# brancher des enceintes sur imacg5 CD



## Philippe 1 (16 Octobre 2006)

Bonsoir,
Depuis 2 semaines, trone un magnifique iMacg5 20" (intel core duo) à la maison 

Je voudrais brancher des enceintes pour améliorer la qualité de l'audio que je trouve assez médiocre et je serais tenté par les "JBL Créature II" (avez-vous des avis sur celles-ci?).
J'aimerais savoir quel type de cable je dois prendre pour les brancher à la sortie optique du g5 

Il m'arrive de temps en temps d'animer des soirées avec des amis, avant avec le imacg4, je le branchais sur un amplis avec un cable mini jack sur la prise casque et en rca sur l'amplis. Mais là aussi quel cable prendre?

merci pour vos réponses (j'ai déjà cherché mais pour l'instant pas de réponses)


----------



## Philippe 1 (18 Octobre 2006)

Après quelques recherches, j'ai trouvé la réponse *ici* 
Donc l'entrée et la sortie audio sont simultanément optique et numérique (minijack):rateau:


----------



## ntx (18 Octobre 2006)

Philippe 1 a dit:


> Donc l'entrée et la sortie audio sont simultanément optique et numérique (minijack):rateau:


Le connexions optiques et analogiques, ça ne se fait pas !    Du moment que c'est optique c'est forcement numérique.


----------



## Philippe 1 (23 Octobre 2006)

ntx a dit:


> Le connexions optiques et analogiques, ça ne se fait pas !    Du moment que c'est optique c'est forcement numérique.

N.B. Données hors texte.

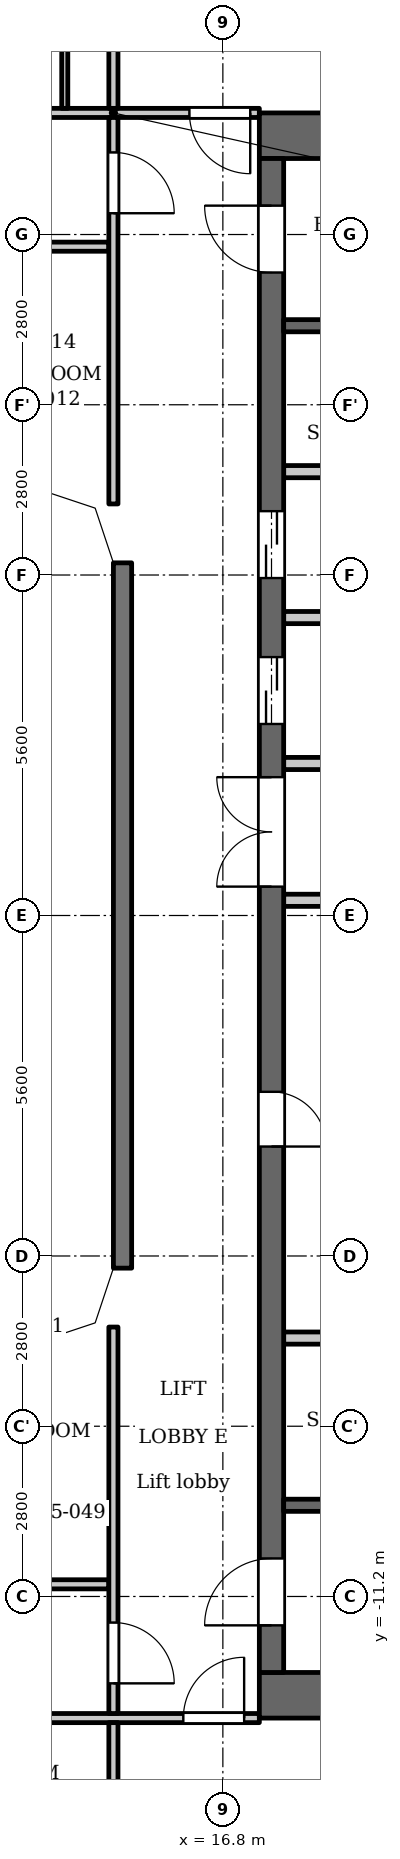
"""IFC4 building model, lengths in metres.
Left out: names, types, materials, properties, quantities, classifications, styles, units other than length and angle.
Written with IfcOpenShell. Run it as: python <this file> out.ifc"""

import sys

from ifc_helpers import new_model, si_unit, direction, frame, frame_2d, origin, place, context, subcontext, project, spatial, polyline, rectangle, outline, extrude, element, fill, save


model = new_model("IFC4")
c1 = context("Model", 3, precision=1e-05, world=origin(), true_north=direction((0.0, 1.0)))
c2 = subcontext(c1, "Body", "Model", "MODEL_VIEW")
j1 = project(units=[si_unit("LENGTHUNIT", "METRE"), si_unit("PLANEANGLEUNIT", "RADIAN")], contexts=[c1])
p1 = place(None, origin())
s1 = spatial("IfcSite", under=j1, at=p1, CompositionType="ELEMENT")
p2 = place(p1, origin())
s2 = spatial("IfcBuilding", under=s1, at=p2, CompositionType="ELEMENT")
p3 = place(p2, frame((0.0, 0.0, 174.6)))
s3 = spatial("IfcBuildingStorey", under=s2, at=p3, CompositionType="ELEMENT", Elevation=174.6)
p4 = place(p3, frame((15.15, 5.8, 0.0), z_axis=(0.0, 0.0, 1.0), x_axis=(0.0, -1.0, 0.0)))
e1 = element("IfcWall", 1, at=p4, inside=s3, PredefinedType="SOLIDWALL", context=c2, shape_type="SweptSolid", body=[
    extrude(rectangle(XDim=11.6, YDim=0.3, at=frame_2d((5.8, 0.0))), origin(), (0.0, 0.0, 1.0), 3.15),
])
for number, where, z_axis, x_axis in (
    (2, (17.4, 12.825, 0.0), (0.0, 0.0, 1.0), (1.0, 0.0, 0.0)),
    (3, (17.4, -12.825, 0.0), (0.0, 0.0, 1.0), (1.0, 0.0, 0.0)),
):
    element("IfcWall", number, at=place(p3, frame(where, z_axis=z_axis, x_axis=x_axis)), inside=s3, PredefinedType="SHEAR", context=c2, shape_type="SweptSolid", body=[
        extrude(rectangle(XDim=10.4, YDim=0.75, at=frame_2d((5.2, 0.0))), origin(), (0.0, 0.0, 1.0), 3.15),
    ])
p5 = place(p3, frame((17.6, -12.45, 0.0), z_axis=(0.0, 0.0, 1.0), x_axis=(0.0, 1.0, 0.0)))
e4 = element("IfcWall", 4, at=p5, inside=s3, PredefinedType="SHEAR", context=c2, shape_type="SweptSolid", body=[
    extrude(rectangle(XDim=24.9, YDim=0.4, at=frame_2d((12.45, 0.0))), origin(), (0.0, 0.0, 1.0), 3.15),
])
p6 = place(p5, frame((8.65, 0.0, 0.0)))
e5 = element("IfcOpeningElement", 5, at=p6, cuts=e4, PredefinedType="OPENING", context=c2, shape_type="SweptSolid", body=[
    extrude(rectangle(XDim=0.9, YDim=2.1, at=frame_2d((0.45, 1.05))), frame((0.0, 0.21, 0.0), z_axis=(0.0, -1.0, 0.0), x_axis=(1.0, 0.0, 0.0)), (0.0, 0.0, 1.0), 0.42),
])
p7 = place(p5, frame((15.6, 0.0, 0.0)))
e6 = element("IfcOpeningElement", 6, at=p7, cuts=e4, PredefinedType="OPENING", context=c2, shape_type="SweptSolid", body=[
    extrude(rectangle(XDim=1.1, YDim=2.1, at=frame_2d((0.55, 1.05))), frame((0.0, 0.21, 0.0), z_axis=(0.0, -1.0, 0.0), x_axis=(1.0, 0.0, 0.0)), (0.0, 0.0, 1.0), 0.42),
])
p8 = place(p5, frame((18.0, 0.0, 0.0)))
e7 = element("IfcOpeningElement", 7, at=p8, cuts=e4, PredefinedType="OPENING", context=c2, shape_type="SweptSolid", body=[
    extrude(rectangle(XDim=1.1, YDim=2.1, at=frame_2d((0.55, 1.05))), frame((0.0, 0.21, 0.0), z_axis=(0.0, -1.0, 0.0), x_axis=(1.0, 0.0, 0.0)), (0.0, 0.0, 1.0), 0.42),
])
p9 = place(p5, frame((23.025, 0.0, 0.0)))
e8 = element("IfcOpeningElement", 8, at=p9, cuts=e4, PredefinedType="OPENING", context=c2, shape_type="SweptSolid", body=[
    extrude(rectangle(XDim=1.1, YDim=2.1, at=frame_2d((0.55, 1.05))), frame((0.0, 0.21, 0.0), z_axis=(0.0, -1.0, 0.0), x_axis=(1.0, 0.0, 0.0)), (0.0, 0.0, 1.0), 0.42),
])
p10 = place(p5, frame((0.775, 0.0, 0.0)))
e9 = element("IfcOpeningElement", 9, at=p10, cuts=e4, PredefinedType="OPENING", context=c2, shape_type="SweptSolid", body=[
    extrude(rectangle(XDim=1.1, YDim=2.1, at=frame_2d((0.55, 1.05))), frame((0.0, 0.21, 0.0), z_axis=(0.0, -1.0, 0.0), x_axis=(1.0, 0.0, 0.0)), (0.0, 0.0, 1.0), 0.42),
])
p11 = place(p5, frame((12.925, 0.0, 0.0)))
e10 = element("IfcOpeningElement", 10, at=p11, cuts=e4, PredefinedType="OPENING", context=c2, shape_type="SweptSolid", body=[
    extrude(rectangle(XDim=1.8, YDim=2.1, at=frame_2d((0.9, 1.05))), frame((0.0, 0.21, 0.0), z_axis=(0.0, -1.0, 0.0), x_axis=(1.0, 0.0, 0.0)), (0.0, 0.0, 1.0), 0.42),
])
p12 = place(p3, frame((17.8, -9.7, 0.0), z_axis=(0.0, 0.0, 1.0), x_axis=(1.0, 0.0, 0.0)))
e11 = element("IfcWall", 11, at=p12, inside=s3, PredefinedType="SHEAR", context=c2, shape_type="SweptSolid", body=[
    extrude(rectangle(XDim=8.45, YDim=0.2, at=frame_2d((4.225, 0.0))), origin(), (0.0, 0.0, 1.0), 3.15),
])
p13 = place(p12, frame((0.85, 0.0, 0.0)))
e12 = element("IfcOpeningElement", 12, at=p13, cuts=e11, PredefinedType="OPENING", context=c2, shape_type="SweptSolid", body=[
    extrude(rectangle(XDim=1.1, YDim=2.1, at=frame_2d((0.55, 1.05))), frame((0.0, 0.11, 0.0), z_axis=(0.0, -1.0, 0.0), x_axis=(1.0, 0.0, 0.0)), (0.0, 0.0, 1.0), 0.22),
])
p14 = place(p12, frame((3.75, 0.0, 0.0)))
e13 = element("IfcOpeningElement", 13, at=p14, cuts=e11, PredefinedType="OPENING", context=c2, shape_type="SweptSolid", body=[
    extrude(rectangle(XDim=1.1, YDim=2.1, at=frame_2d((0.55, 1.05))), frame((0.0, 0.11, 0.0), z_axis=(0.0, -1.0, 0.0), x_axis=(1.0, 0.0, 0.0)), (0.0, 0.0, 1.0), 0.22),
])
p15 = place(p3, frame((17.8, -6.95, 0.0), z_axis=(0.0, 0.0, 1.0), x_axis=(1.0, 0.0, 0.0)))
e14 = element("IfcWall", 14, at=p15, inside=s3, PredefinedType="PARTITIONING", context=c2, shape_type="SweptSolid", body=[
    extrude(rectangle(XDim=2.8, YDim=0.2, at=frame_2d((1.4, 0.0))), origin(), (0.0, 0.0, 1.0), 3.15),
])
p16 = place(p3, frame((17.8, 0.25, 0.0), z_axis=(0.0, 0.0, 1.0), x_axis=(1.0, 0.0, 0.0)))
e15 = element("IfcWall", 15, at=p16, inside=s3, PredefinedType="PARTITIONING", context=c2, shape_type="SweptSolid", body=[
    extrude(rectangle(XDim=3.0, YDim=0.2, at=frame_2d((1.5, 0.0))), origin(), (0.0, 0.0, 1.0), 3.15),
])
p17 = place(p16, frame((1.98, 0.0, 0.0)))
e16 = element("IfcOpeningElement", 16, at=p17, cuts=e15, PredefinedType="OPENING", context=c2, shape_type="SweptSolid", body=[
    extrude(rectangle(XDim=0.9, YDim=2.1, at=frame_2d((0.45, 1.05))), frame((0.0, 0.11, 0.0), z_axis=(0.0, -1.0, 0.0), x_axis=(1.0, 0.0, 0.0)), (0.0, 0.0, 1.0), 0.22),
])
p18 = place(p3, frame((17.8, 2.5, 0.0), z_axis=(0.0, 0.0, 1.0), x_axis=(1.0, 0.0, 0.0)))
e17 = element("IfcWall", 17, at=p18, inside=s3, PredefinedType="PARTITIONING", context=c2, shape_type="SweptSolid", body=[
    extrude(rectangle(XDim=3.0, YDim=0.2, at=frame_2d((1.5, 0.0))), origin(), (0.0, 0.0, 1.0), 3.15),
])
for number, where, z_axis, x_axis in (
    (18, (17.8, 4.9, 0.0), (0.0, 0.0, 1.0), (1.0, 0.0, 0.0)),
    (19, (17.8, 7.3, 0.0), (0.0, 0.0, 1.0), (1.0, 0.0, 0.0)),
):
    element("IfcWall", number, at=place(p3, frame(where, z_axis=z_axis, x_axis=x_axis)), inside=s3, PredefinedType="PARTITIONING", context=c2, shape_type="SweptSolid", body=[
        extrude(rectangle(XDim=2.8, YDim=0.2, at=frame_2d((1.4, 0.0))), origin(), (0.0, 0.0, 1.0), 3.15),
    ])
p19 = place(p3, frame((17.8, 9.7, 0.0), z_axis=(0.0, 0.0, 1.0), x_axis=(1.0, 0.0, 0.0)))
e20 = element("IfcWall", 20, at=p19, inside=s3, PredefinedType="SHEAR", context=c2, shape_type="SweptSolid", body=[
    extrude(rectangle(XDim=8.45, YDim=0.2, at=frame_2d((4.225, 0.0))), origin(), (0.0, 0.0, 1.0), 3.15),
])
p20 = place(p19, frame((0.85, 0.0, 0.0)))
e21 = element("IfcOpeningElement", 21, at=p20, cuts=e20, PredefinedType="OPENING", context=c2, shape_type="SweptSolid", body=[
    extrude(rectangle(XDim=1.1, YDim=2.1, at=frame_2d((0.55, 1.05))), frame((0.0, 0.11, 0.0), z_axis=(0.0, -1.0, 0.0), x_axis=(1.0, 0.0, 0.0)), (0.0, 0.0, 1.0), 0.22),
])
p21 = place(p19, frame((3.75, 0.0, 0.0)))
e22 = element("IfcOpeningElement", 22, at=p21, cuts=e20, PredefinedType="OPENING", context=c2, shape_type="SweptSolid", body=[
    extrude(rectangle(XDim=1.1, YDim=2.1, at=frame_2d((0.55, 1.05))), frame((0.0, 0.11, 0.0), z_axis=(0.0, -1.0, 0.0), x_axis=(1.0, 0.0, 0.0)), (0.0, 0.0, 1.0), 0.22),
])
p22 = place(p3, frame((-17.4, -13.2, 0.0), z_axis=(0.0, 0.0, 1.0), x_axis=(1.0, 0.0, 0.0)))
e23 = element("IfcWall", 23, at=p22, inside=s3, PredefinedType="PARTITIONING", context=c2, shape_type="SweptSolid", body=[
    extrude(rectangle(XDim=34.8, YDim=0.15, at=frame_2d((17.4, 0.0))), origin(), (0.0, 0.0, 1.0), 3.15),
])
p23 = place(p22, frame((0.15, 0.0, 0.0)))
e24 = element("IfcOpeningElement", 24, at=p23, cuts=e23, PredefinedType="OPENING", context=c2, shape_type="SweptSolid", body=[
    extrude(rectangle(XDim=1.0, YDim=2.1, at=frame_2d((0.5, 1.05))), frame((0.0, 0.085, 0.0), z_axis=(0.0, -1.0, 0.0), x_axis=(1.0, 0.0, 0.0)), (0.0, 0.0, 1.0), 0.17),
])
p24 = place(p22, frame((33.55, 0.0, 0.0)))
e25 = element("IfcOpeningElement", 25, at=p24, cuts=e23, PredefinedType="OPENING", context=c2, shape_type="SweptSolid", body=[
    extrude(rectangle(XDim=1.0, YDim=2.1, at=frame_2d((0.5, 1.05))), frame((0.0, 0.085, 0.0), z_axis=(0.0, -1.0, 0.0), x_axis=(1.0, 0.0, 0.0)), (0.0, 0.0, 1.0), 0.17),
])
p25 = place(p22, frame((15.7, 0.0, 0.0)))
e26 = element("IfcOpeningElement", 26, at=p25, cuts=e23, PredefinedType="OPENING", context=c2, shape_type="SweptSolid", body=[
    extrude(rectangle(XDim=1.0, YDim=2.1, at=frame_2d((0.5, 1.05))), frame((0.0, 0.085, 0.0), z_axis=(0.0, -1.0, 0.0), x_axis=(1.0, 0.0, 0.0)), (0.0, 0.0, 1.0), 0.17),
])
p26 = place(p22, frame((26.9, 0.0, 0.0)))
e27 = element("IfcOpeningElement", 27, at=p26, cuts=e23, PredefinedType="OPENING", context=c2, shape_type="SweptSolid", body=[
    extrude(rectangle(XDim=1.0, YDim=2.1, at=frame_2d((0.5, 1.05))), frame((0.0, 0.085, 0.0), z_axis=(0.0, -1.0, 0.0), x_axis=(1.0, 0.0, 0.0)), (0.0, 0.0, 1.0), 0.17),
])
p27 = place(p3, frame((-14.925, -11.0, 0.0), z_axis=(0.0, 0.0, 1.0), x_axis=(1.0, 0.0, 0.0)))
e28 = element("IfcWall", 28, at=p27, inside=s3, PredefinedType="PARTITIONING", context=c2, shape_type="SweptSolid", body=[
    extrude(rectangle(XDim=29.85, YDim=0.15, at=frame_2d((14.925, 0.0))), origin(), (0.0, 0.0, 1.0), 3.15),
])
p28 = place(p27, frame((9.875, 0.0, 0.0)))
e29 = element("IfcOpeningElement", 29, at=p28, cuts=e28, PredefinedType="OPENING", context=c2, shape_type="SweptSolid", body=[
    extrude(rectangle(XDim=1.0, YDim=2.1, at=frame_2d((0.5, 1.05))), frame((0.0, 0.085, 0.0), z_axis=(0.0, -1.0, 0.0), x_axis=(1.0, 0.0, 0.0)), (0.0, 0.0, 1.0), 0.17),
])
p29 = place(p27, frame((17.875, 0.0, 0.0)))
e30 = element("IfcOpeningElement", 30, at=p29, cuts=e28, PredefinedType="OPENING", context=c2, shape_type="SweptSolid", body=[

C'est vrai,  tu as tout à fait raison, l'entrée et la sortie audio sont bien en optique numérique avec conexion en minijack. En tout cas les enceintes JBL Créature II, qui sont désormais branché dessus, fonctionnent à merveille


----------



## lichie (23 Octobre 2006)

Philippe 1 a dit:


> trone un magnifique iMacg5 20" (intel core duo)



et, aussi, ton iMac ne peut pas être G5, car il est intel core duo.


----------